Fusils réalisés avec des matériaux de récupération, planètes, satellites, cosmonautes, animaux…. ses thèmes de prédilection sont d’une grande variété. André Robillard nous démontre avec brio que le handicap n’existe pas dans la création plastique."
Belle annonce n'est-il pas? Pleine de bons sentiments, et pétaradante : "génial artiste contemporain"... Déjà, relevons l'apposition maligne "artiste" et "contemporain"... Robillard est ainsi mis dans la même catégorie qu'un Jeff Koons ou d'un Anish Kapoor (voir ci-contre une de ses réalisations à la galerie Kamel Mennour). Après tout, Polysémie en aurait le droit, puisque Françoise Monnin, la grande prêtresse d'Artension, a bien publié récemment des "entretiens" avec l'artiste Robillard, très volontairement placé ainsi au même rayon que les artistes patentés professionnels avec qui des "entretiens" sont pour certains d'entre eux de rigueur (ça fait partie de l'image de marque du monstre sacré).
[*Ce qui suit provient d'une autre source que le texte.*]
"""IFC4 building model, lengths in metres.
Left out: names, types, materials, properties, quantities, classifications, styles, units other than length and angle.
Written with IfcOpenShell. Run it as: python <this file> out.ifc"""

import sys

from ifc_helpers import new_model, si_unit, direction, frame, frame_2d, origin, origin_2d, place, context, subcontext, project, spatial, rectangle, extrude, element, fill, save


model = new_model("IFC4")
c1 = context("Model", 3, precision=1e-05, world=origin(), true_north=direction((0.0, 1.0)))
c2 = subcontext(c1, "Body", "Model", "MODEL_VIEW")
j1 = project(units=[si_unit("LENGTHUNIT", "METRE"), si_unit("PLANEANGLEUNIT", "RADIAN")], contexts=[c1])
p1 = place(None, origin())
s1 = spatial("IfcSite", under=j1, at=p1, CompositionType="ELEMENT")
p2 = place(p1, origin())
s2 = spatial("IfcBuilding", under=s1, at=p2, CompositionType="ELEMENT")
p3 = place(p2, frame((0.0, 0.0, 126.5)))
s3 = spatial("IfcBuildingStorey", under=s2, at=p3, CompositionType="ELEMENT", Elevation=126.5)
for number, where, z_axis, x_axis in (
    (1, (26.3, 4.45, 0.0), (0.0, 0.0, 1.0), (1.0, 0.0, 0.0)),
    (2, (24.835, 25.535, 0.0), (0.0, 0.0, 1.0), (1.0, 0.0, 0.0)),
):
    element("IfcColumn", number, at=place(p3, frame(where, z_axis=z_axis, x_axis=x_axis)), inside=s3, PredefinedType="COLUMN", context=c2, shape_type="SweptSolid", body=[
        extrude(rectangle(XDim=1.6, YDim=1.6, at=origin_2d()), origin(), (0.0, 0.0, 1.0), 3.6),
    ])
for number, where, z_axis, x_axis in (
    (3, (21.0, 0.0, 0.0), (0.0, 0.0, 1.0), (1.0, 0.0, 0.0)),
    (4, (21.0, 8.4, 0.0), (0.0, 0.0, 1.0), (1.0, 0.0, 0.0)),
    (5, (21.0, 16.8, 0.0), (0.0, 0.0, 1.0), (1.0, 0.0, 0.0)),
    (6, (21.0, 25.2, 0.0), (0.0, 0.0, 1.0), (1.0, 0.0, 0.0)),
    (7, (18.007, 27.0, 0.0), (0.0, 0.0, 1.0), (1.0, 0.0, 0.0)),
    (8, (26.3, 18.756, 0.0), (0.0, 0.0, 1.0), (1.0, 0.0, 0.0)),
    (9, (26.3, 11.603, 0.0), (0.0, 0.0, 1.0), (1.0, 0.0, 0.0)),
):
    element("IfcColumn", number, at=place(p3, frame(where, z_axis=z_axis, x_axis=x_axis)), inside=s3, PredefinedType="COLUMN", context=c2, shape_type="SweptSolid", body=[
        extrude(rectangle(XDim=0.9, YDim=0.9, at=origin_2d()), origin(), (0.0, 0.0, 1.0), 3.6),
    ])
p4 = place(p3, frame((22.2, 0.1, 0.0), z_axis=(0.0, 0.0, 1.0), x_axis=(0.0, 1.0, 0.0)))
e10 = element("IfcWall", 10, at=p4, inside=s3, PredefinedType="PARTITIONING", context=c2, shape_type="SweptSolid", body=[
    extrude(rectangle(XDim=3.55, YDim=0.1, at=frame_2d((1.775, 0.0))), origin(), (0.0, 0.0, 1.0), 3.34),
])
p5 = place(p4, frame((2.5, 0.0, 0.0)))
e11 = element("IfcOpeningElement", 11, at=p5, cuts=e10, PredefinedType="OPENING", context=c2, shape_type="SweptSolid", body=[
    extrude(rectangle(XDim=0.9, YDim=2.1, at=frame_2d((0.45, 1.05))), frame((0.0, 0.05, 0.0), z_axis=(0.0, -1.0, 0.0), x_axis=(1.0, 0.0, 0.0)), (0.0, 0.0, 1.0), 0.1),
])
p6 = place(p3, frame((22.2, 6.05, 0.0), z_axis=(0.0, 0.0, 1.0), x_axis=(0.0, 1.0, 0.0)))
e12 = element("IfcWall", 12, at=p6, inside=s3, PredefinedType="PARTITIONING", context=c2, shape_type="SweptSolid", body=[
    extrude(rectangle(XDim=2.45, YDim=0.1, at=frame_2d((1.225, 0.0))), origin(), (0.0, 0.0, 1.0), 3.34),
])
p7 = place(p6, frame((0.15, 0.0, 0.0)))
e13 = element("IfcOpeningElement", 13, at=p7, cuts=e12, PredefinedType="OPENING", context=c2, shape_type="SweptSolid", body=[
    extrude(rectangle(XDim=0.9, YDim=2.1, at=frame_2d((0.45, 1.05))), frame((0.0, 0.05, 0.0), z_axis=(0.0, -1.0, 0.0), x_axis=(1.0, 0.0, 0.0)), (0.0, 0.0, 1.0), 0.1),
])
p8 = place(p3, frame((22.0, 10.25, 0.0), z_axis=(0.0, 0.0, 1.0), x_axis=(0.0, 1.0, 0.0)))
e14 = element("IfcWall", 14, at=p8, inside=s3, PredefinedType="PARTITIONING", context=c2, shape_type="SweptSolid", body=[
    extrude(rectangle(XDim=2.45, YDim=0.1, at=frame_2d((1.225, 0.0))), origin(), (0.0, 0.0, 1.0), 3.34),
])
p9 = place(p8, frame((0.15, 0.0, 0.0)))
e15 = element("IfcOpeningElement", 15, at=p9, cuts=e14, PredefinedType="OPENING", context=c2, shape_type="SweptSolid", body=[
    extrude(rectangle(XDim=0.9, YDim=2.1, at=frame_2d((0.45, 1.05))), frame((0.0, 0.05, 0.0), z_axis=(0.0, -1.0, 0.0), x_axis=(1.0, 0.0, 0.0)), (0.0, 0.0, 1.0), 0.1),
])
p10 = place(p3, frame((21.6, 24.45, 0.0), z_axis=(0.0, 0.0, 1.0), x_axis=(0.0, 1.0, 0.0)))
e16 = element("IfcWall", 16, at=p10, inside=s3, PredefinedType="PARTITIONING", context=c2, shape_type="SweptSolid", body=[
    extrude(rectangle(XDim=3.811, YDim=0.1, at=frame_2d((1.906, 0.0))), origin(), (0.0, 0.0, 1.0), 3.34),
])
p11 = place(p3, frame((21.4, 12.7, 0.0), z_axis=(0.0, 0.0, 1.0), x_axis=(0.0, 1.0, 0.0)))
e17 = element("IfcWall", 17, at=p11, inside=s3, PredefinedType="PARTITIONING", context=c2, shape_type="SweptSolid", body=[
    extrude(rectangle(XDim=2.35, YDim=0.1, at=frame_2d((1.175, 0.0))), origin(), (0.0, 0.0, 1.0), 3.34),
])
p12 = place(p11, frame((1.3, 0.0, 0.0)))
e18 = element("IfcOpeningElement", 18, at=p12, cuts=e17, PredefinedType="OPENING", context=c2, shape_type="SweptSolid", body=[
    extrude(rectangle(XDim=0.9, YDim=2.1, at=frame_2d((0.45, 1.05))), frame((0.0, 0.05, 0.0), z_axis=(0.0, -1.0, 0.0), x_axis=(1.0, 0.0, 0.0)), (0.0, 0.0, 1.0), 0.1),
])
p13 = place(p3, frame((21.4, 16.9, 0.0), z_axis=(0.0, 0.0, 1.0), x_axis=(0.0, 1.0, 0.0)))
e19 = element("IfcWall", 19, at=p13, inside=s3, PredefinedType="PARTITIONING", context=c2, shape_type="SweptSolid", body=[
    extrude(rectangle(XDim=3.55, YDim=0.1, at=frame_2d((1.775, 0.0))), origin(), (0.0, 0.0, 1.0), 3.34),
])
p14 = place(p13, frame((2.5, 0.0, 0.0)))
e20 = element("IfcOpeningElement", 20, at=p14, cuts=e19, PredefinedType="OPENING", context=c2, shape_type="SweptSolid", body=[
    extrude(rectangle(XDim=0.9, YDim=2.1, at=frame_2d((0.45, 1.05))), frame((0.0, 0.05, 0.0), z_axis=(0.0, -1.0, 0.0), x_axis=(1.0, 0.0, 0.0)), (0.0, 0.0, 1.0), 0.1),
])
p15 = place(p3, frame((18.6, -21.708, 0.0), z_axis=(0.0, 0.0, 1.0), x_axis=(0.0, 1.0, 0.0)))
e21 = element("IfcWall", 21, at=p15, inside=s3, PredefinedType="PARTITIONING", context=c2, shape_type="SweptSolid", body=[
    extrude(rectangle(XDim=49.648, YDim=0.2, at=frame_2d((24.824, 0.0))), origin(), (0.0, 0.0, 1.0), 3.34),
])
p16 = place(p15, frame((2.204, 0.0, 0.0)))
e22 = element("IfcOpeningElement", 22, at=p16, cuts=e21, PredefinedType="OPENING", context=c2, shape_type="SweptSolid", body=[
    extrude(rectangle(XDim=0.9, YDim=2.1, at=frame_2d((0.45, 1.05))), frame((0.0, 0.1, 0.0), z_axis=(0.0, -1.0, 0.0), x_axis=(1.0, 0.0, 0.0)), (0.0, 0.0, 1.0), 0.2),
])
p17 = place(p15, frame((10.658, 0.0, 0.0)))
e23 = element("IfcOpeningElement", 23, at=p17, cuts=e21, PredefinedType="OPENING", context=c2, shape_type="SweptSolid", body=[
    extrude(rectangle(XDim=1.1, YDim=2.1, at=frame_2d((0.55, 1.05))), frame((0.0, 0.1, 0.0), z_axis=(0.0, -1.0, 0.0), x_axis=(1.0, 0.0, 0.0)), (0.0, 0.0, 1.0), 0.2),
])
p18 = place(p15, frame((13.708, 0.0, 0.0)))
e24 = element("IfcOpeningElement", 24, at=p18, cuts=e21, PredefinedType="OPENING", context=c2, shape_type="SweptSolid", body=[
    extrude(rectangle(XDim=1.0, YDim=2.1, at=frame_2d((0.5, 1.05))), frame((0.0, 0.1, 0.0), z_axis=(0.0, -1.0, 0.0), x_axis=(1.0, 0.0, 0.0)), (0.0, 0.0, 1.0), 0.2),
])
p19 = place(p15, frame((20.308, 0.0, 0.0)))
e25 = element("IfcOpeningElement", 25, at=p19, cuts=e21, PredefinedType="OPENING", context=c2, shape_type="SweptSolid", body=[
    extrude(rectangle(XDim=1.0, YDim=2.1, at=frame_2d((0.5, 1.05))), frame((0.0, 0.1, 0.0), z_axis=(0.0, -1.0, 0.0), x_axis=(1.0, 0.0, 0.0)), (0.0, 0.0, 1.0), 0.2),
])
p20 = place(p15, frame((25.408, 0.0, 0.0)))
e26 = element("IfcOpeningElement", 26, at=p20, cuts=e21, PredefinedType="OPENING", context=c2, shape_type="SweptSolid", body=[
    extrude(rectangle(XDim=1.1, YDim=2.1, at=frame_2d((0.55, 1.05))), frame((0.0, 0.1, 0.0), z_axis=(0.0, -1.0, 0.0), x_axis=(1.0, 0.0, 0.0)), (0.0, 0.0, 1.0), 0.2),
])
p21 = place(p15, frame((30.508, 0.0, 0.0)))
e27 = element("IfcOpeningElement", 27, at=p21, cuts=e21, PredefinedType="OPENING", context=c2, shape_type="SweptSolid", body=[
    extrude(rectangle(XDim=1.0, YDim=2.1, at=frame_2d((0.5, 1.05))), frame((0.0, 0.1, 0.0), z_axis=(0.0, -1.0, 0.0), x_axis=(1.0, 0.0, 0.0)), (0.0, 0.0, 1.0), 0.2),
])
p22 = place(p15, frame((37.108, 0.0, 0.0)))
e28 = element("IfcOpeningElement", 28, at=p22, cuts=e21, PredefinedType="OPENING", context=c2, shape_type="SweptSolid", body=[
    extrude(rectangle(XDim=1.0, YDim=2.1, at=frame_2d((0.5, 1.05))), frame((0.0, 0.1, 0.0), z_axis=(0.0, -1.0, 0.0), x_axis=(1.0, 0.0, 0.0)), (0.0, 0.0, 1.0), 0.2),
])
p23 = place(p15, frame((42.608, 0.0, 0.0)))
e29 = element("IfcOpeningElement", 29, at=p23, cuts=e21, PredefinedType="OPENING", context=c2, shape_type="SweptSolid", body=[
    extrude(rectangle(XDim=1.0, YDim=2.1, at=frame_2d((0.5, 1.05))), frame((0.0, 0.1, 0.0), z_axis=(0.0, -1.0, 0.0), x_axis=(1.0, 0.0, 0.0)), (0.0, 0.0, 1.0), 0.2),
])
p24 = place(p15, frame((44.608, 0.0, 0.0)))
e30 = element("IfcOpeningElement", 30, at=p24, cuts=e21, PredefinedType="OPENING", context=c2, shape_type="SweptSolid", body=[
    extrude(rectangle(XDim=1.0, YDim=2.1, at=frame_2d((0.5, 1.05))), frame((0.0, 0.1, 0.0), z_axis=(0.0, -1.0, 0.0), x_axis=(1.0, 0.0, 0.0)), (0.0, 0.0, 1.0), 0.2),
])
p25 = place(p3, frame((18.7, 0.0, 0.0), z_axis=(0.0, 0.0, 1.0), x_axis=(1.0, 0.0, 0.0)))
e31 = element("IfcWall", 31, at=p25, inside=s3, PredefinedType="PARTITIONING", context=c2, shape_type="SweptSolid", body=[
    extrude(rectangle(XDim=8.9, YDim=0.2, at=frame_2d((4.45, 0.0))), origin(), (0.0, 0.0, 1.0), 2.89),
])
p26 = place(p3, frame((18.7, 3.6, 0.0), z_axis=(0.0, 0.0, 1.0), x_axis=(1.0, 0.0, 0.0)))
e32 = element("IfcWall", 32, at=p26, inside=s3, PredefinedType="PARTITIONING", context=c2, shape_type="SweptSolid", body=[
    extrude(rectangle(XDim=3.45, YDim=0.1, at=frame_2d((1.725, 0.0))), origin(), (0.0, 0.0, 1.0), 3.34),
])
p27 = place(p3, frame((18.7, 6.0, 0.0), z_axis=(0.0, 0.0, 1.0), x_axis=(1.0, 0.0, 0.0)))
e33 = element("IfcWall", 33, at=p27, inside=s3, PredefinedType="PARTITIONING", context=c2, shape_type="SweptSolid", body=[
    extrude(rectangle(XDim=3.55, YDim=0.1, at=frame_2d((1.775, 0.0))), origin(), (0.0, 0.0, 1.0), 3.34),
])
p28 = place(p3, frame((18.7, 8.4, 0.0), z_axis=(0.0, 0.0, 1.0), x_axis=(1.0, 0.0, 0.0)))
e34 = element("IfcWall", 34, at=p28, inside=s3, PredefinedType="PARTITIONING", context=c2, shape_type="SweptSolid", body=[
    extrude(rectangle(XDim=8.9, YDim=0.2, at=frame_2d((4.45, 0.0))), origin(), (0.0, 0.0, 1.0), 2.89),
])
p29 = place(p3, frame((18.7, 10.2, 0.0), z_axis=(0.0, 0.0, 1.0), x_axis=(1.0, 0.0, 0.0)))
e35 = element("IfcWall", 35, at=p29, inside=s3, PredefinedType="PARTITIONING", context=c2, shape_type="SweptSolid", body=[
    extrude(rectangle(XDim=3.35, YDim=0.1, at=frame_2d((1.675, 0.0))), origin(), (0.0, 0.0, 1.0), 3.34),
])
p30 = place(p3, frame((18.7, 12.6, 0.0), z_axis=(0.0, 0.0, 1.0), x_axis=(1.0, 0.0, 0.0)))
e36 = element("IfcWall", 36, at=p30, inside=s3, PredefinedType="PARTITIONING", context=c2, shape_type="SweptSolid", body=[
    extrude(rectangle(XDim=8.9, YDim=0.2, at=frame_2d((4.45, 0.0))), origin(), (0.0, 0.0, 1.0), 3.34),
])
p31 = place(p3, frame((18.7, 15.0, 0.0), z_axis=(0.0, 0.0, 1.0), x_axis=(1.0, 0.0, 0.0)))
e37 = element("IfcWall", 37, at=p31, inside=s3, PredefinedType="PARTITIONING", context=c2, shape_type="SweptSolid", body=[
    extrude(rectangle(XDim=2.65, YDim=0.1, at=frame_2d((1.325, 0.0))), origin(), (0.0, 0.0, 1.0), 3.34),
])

Et puisqu'ici et là, André Robillard est enrôlé dans des shows divers et variés, avec les Endimanchés d'Alexis Forestier pour des pièces de théâtre musical, par exemple, ou des "performances" racontant sa vie, terriblement cadrées, avec Alain Moreau, autre exemple...
Les marchands continuent donc leur entreprise d'absorption de l'art brut qu'ils désirent soluble dans un art contemporain qui a besoin de rafraîchir ses marchandises.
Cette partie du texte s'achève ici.